『元彼の遺言状』『競争の番人』の新川帆立、“レイワ”を舞台としたSFリーガル・ミステリーで新境地へ
そして第六話「接待麻雀士」は、「健全な麻雀賭博に関する法律」により、賭け麻雀が合法化された例和三年が舞台。この法律により、賭け麻雀を使った賄賂が横行している。接待麻雀士が巧みに負けることで、相手に金を渡すのだ。プロ雀士から接待麻雀士に転向した塔子は、いつものように接待麻雀を打とうとするのだが……。
イカサマこみで相手を勝たせようとする塔子。勝負の場面は、純然たる麻雀小説のようである。しかし物語が進行すると、賄賂を受け取るはずの相手の不可解な打ち方が露わになっていく。巧みな伏線と、「動物裁判」と同じく、繰り返し出てくる主人公の心情が布石となり、接待麻雀の予想外の真実が明らかになる。元プロ雀士だった作者ならではの、麻雀ミステリーになっているのだ。

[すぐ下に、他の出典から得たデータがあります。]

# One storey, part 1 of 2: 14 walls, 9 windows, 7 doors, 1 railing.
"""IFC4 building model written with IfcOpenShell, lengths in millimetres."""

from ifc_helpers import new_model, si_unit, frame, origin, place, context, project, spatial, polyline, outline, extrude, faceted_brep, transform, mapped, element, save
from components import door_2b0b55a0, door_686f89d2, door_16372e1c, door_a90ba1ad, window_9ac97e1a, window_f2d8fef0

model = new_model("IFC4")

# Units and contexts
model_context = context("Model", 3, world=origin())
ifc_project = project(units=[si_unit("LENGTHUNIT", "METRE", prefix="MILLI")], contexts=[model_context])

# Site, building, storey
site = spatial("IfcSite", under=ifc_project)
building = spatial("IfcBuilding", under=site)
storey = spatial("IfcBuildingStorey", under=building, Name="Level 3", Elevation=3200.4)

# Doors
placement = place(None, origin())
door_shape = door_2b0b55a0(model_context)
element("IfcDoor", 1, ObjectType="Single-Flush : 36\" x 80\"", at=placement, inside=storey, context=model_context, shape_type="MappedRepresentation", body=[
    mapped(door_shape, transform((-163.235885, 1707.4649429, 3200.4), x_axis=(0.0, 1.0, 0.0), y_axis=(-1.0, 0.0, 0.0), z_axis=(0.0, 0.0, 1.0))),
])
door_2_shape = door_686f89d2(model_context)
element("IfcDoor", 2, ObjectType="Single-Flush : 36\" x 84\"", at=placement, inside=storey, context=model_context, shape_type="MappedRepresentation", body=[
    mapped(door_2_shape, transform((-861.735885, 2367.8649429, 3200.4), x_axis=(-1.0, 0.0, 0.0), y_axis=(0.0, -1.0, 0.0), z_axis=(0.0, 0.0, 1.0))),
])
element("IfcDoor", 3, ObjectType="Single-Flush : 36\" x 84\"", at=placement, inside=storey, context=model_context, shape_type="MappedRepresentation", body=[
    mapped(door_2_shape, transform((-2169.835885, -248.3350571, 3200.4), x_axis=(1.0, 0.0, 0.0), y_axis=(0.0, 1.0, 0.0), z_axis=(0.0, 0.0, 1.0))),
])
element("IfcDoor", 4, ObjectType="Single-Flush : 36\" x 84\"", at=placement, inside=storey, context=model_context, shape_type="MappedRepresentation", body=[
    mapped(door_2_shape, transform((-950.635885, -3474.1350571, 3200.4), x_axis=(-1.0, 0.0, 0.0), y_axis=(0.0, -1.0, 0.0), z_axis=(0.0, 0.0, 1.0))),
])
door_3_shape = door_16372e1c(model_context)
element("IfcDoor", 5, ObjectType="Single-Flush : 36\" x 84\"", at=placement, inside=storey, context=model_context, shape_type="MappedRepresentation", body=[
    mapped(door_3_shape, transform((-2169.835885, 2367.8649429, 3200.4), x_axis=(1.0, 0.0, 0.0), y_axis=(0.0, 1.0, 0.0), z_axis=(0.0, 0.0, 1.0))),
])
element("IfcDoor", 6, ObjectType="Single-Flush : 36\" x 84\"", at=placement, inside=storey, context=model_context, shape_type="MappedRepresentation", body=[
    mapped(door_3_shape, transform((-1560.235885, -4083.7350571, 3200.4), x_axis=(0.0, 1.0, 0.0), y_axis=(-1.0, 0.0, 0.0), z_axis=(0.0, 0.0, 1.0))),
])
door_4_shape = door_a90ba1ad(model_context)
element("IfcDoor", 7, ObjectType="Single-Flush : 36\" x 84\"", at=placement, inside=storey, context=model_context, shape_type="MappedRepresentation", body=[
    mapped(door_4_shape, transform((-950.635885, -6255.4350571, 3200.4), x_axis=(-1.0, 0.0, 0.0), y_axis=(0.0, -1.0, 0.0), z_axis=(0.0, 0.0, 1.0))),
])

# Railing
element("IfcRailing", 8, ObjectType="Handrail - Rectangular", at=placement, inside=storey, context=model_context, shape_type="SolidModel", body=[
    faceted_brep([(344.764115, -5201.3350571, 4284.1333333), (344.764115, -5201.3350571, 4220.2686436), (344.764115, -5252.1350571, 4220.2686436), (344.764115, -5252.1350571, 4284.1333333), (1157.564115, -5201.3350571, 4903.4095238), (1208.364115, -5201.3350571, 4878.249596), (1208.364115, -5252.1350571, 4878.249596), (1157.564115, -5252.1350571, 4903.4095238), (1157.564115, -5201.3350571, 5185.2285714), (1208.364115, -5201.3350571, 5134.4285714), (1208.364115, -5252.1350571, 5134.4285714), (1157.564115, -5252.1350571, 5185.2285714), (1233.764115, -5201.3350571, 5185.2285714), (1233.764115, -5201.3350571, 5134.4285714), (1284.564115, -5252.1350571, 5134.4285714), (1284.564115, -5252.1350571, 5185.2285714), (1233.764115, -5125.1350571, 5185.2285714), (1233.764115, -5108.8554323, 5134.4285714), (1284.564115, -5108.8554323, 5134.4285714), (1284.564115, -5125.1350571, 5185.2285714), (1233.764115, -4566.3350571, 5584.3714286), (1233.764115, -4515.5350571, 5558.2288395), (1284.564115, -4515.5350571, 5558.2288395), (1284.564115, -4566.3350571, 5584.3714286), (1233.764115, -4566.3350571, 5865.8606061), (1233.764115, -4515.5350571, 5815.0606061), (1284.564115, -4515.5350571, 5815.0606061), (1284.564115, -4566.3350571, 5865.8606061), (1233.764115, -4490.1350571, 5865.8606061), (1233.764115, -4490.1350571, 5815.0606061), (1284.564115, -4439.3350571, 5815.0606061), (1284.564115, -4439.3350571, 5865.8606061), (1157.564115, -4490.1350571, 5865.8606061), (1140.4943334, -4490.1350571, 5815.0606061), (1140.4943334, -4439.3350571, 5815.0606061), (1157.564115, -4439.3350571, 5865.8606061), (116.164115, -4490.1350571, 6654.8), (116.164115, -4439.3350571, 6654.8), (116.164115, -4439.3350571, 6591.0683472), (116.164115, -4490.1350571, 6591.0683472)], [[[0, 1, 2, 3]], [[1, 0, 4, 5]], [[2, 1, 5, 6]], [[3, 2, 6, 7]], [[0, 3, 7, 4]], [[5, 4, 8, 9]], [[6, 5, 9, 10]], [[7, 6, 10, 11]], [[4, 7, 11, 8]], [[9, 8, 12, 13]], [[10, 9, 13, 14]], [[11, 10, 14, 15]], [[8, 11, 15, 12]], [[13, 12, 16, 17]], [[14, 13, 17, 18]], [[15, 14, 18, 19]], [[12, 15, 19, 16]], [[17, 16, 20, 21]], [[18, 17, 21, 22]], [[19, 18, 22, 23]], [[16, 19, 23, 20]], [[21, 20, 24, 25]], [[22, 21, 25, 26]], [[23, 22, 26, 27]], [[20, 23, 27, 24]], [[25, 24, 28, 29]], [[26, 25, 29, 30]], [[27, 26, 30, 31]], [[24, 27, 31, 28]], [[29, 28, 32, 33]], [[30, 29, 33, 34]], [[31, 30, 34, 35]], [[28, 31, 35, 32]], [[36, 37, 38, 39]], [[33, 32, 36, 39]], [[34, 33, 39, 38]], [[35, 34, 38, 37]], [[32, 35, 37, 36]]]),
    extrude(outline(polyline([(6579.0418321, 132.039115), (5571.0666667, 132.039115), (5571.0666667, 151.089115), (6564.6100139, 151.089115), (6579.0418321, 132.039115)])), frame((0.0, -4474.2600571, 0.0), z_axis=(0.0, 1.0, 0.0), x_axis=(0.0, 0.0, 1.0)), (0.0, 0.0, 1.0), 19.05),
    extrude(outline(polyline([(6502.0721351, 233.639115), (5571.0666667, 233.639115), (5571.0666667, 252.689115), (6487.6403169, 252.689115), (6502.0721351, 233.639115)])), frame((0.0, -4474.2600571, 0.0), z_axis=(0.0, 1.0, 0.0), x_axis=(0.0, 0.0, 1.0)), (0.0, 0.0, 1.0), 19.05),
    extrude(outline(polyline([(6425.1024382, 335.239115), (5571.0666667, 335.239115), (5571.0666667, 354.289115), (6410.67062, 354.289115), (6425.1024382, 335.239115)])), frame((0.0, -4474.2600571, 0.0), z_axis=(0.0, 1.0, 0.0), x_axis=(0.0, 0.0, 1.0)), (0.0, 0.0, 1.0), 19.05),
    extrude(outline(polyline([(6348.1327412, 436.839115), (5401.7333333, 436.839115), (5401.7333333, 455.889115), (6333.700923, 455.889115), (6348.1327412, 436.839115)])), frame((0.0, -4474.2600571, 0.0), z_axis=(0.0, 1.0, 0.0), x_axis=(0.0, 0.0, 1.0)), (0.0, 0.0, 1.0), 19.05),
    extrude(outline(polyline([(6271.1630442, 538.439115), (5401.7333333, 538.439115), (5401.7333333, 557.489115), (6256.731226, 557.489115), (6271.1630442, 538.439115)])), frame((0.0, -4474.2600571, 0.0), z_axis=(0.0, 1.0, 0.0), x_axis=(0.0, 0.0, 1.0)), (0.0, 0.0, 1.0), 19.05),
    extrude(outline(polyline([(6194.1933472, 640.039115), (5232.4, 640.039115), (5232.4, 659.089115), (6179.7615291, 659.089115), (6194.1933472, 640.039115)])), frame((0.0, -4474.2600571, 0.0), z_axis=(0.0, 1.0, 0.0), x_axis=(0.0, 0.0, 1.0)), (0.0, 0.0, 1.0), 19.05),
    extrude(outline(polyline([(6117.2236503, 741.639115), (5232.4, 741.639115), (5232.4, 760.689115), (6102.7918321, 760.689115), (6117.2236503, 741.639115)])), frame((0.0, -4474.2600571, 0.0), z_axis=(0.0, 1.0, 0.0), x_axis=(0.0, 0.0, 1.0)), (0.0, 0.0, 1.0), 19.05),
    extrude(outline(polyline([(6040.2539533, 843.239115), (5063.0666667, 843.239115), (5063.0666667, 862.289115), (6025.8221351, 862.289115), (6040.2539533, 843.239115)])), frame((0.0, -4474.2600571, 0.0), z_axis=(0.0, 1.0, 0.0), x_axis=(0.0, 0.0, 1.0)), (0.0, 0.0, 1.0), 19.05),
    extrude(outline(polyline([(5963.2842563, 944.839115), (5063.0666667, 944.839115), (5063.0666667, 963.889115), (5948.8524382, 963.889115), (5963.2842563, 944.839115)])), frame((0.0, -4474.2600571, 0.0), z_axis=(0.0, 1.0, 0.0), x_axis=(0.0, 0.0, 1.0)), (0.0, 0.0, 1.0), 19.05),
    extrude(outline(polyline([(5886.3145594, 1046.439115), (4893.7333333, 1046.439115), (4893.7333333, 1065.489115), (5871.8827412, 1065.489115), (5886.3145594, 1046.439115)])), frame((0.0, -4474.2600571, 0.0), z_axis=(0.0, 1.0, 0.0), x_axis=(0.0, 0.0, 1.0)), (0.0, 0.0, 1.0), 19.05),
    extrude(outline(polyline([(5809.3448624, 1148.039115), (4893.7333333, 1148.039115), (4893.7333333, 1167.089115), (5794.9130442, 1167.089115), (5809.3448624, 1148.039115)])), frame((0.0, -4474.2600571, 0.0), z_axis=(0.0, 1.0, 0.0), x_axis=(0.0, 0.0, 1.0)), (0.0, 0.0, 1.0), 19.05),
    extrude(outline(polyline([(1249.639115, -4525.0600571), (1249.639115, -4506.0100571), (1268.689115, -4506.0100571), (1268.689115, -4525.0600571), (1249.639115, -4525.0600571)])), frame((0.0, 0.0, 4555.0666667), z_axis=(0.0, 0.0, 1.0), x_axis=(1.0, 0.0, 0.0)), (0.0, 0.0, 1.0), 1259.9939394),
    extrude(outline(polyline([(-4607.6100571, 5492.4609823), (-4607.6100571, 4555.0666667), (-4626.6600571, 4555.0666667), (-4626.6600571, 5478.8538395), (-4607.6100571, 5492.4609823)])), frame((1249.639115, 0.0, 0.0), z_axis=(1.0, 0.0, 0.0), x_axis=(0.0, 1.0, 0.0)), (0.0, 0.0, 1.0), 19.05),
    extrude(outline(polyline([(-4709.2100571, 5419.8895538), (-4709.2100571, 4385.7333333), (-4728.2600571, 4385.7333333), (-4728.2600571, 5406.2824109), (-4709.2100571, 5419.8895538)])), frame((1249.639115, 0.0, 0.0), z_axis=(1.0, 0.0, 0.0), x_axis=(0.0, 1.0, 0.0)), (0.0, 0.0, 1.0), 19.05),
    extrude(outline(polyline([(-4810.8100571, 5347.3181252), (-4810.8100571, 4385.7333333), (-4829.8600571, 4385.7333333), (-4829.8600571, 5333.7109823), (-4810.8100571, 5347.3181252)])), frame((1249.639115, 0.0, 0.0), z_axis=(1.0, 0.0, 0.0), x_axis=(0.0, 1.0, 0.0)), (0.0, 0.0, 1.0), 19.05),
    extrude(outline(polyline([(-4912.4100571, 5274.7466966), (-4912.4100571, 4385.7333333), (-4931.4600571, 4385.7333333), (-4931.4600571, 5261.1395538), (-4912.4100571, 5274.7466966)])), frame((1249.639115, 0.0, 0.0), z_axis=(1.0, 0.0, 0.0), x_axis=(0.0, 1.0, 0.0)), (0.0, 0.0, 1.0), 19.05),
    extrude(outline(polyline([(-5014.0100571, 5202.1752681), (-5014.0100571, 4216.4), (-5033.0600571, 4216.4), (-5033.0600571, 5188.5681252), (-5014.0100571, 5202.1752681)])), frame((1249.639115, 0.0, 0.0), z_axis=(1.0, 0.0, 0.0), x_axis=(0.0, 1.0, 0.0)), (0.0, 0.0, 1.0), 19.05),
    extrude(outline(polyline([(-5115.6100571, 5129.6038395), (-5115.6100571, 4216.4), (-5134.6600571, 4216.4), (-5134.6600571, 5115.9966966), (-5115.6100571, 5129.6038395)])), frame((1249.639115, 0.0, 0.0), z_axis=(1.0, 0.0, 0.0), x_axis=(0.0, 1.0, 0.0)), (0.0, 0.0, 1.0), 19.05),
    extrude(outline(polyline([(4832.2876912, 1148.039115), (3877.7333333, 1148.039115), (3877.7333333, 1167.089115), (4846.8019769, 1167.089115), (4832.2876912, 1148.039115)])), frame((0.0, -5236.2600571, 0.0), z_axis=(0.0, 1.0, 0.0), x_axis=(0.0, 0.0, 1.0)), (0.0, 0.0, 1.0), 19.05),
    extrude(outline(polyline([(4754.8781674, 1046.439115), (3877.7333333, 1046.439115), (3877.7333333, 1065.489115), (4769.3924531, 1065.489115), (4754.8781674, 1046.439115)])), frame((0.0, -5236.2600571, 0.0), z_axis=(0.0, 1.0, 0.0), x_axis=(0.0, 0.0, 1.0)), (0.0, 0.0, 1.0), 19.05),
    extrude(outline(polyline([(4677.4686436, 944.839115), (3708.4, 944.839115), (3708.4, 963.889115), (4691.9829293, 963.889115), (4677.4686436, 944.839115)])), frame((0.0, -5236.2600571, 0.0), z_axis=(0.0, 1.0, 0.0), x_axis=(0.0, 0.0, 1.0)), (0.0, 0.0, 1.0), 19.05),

さらに各話から、レイワの時代に対する、人々の反逆心が伝わってくる。それは法律を始めとする社会の制約に息苦しさを感じる、令和の私たちの心と、通じ合うものといっていい。さまざまな物語で作家としての可能性を示めしながら、ずっしりとしたテーマを読者に投げかけているのである。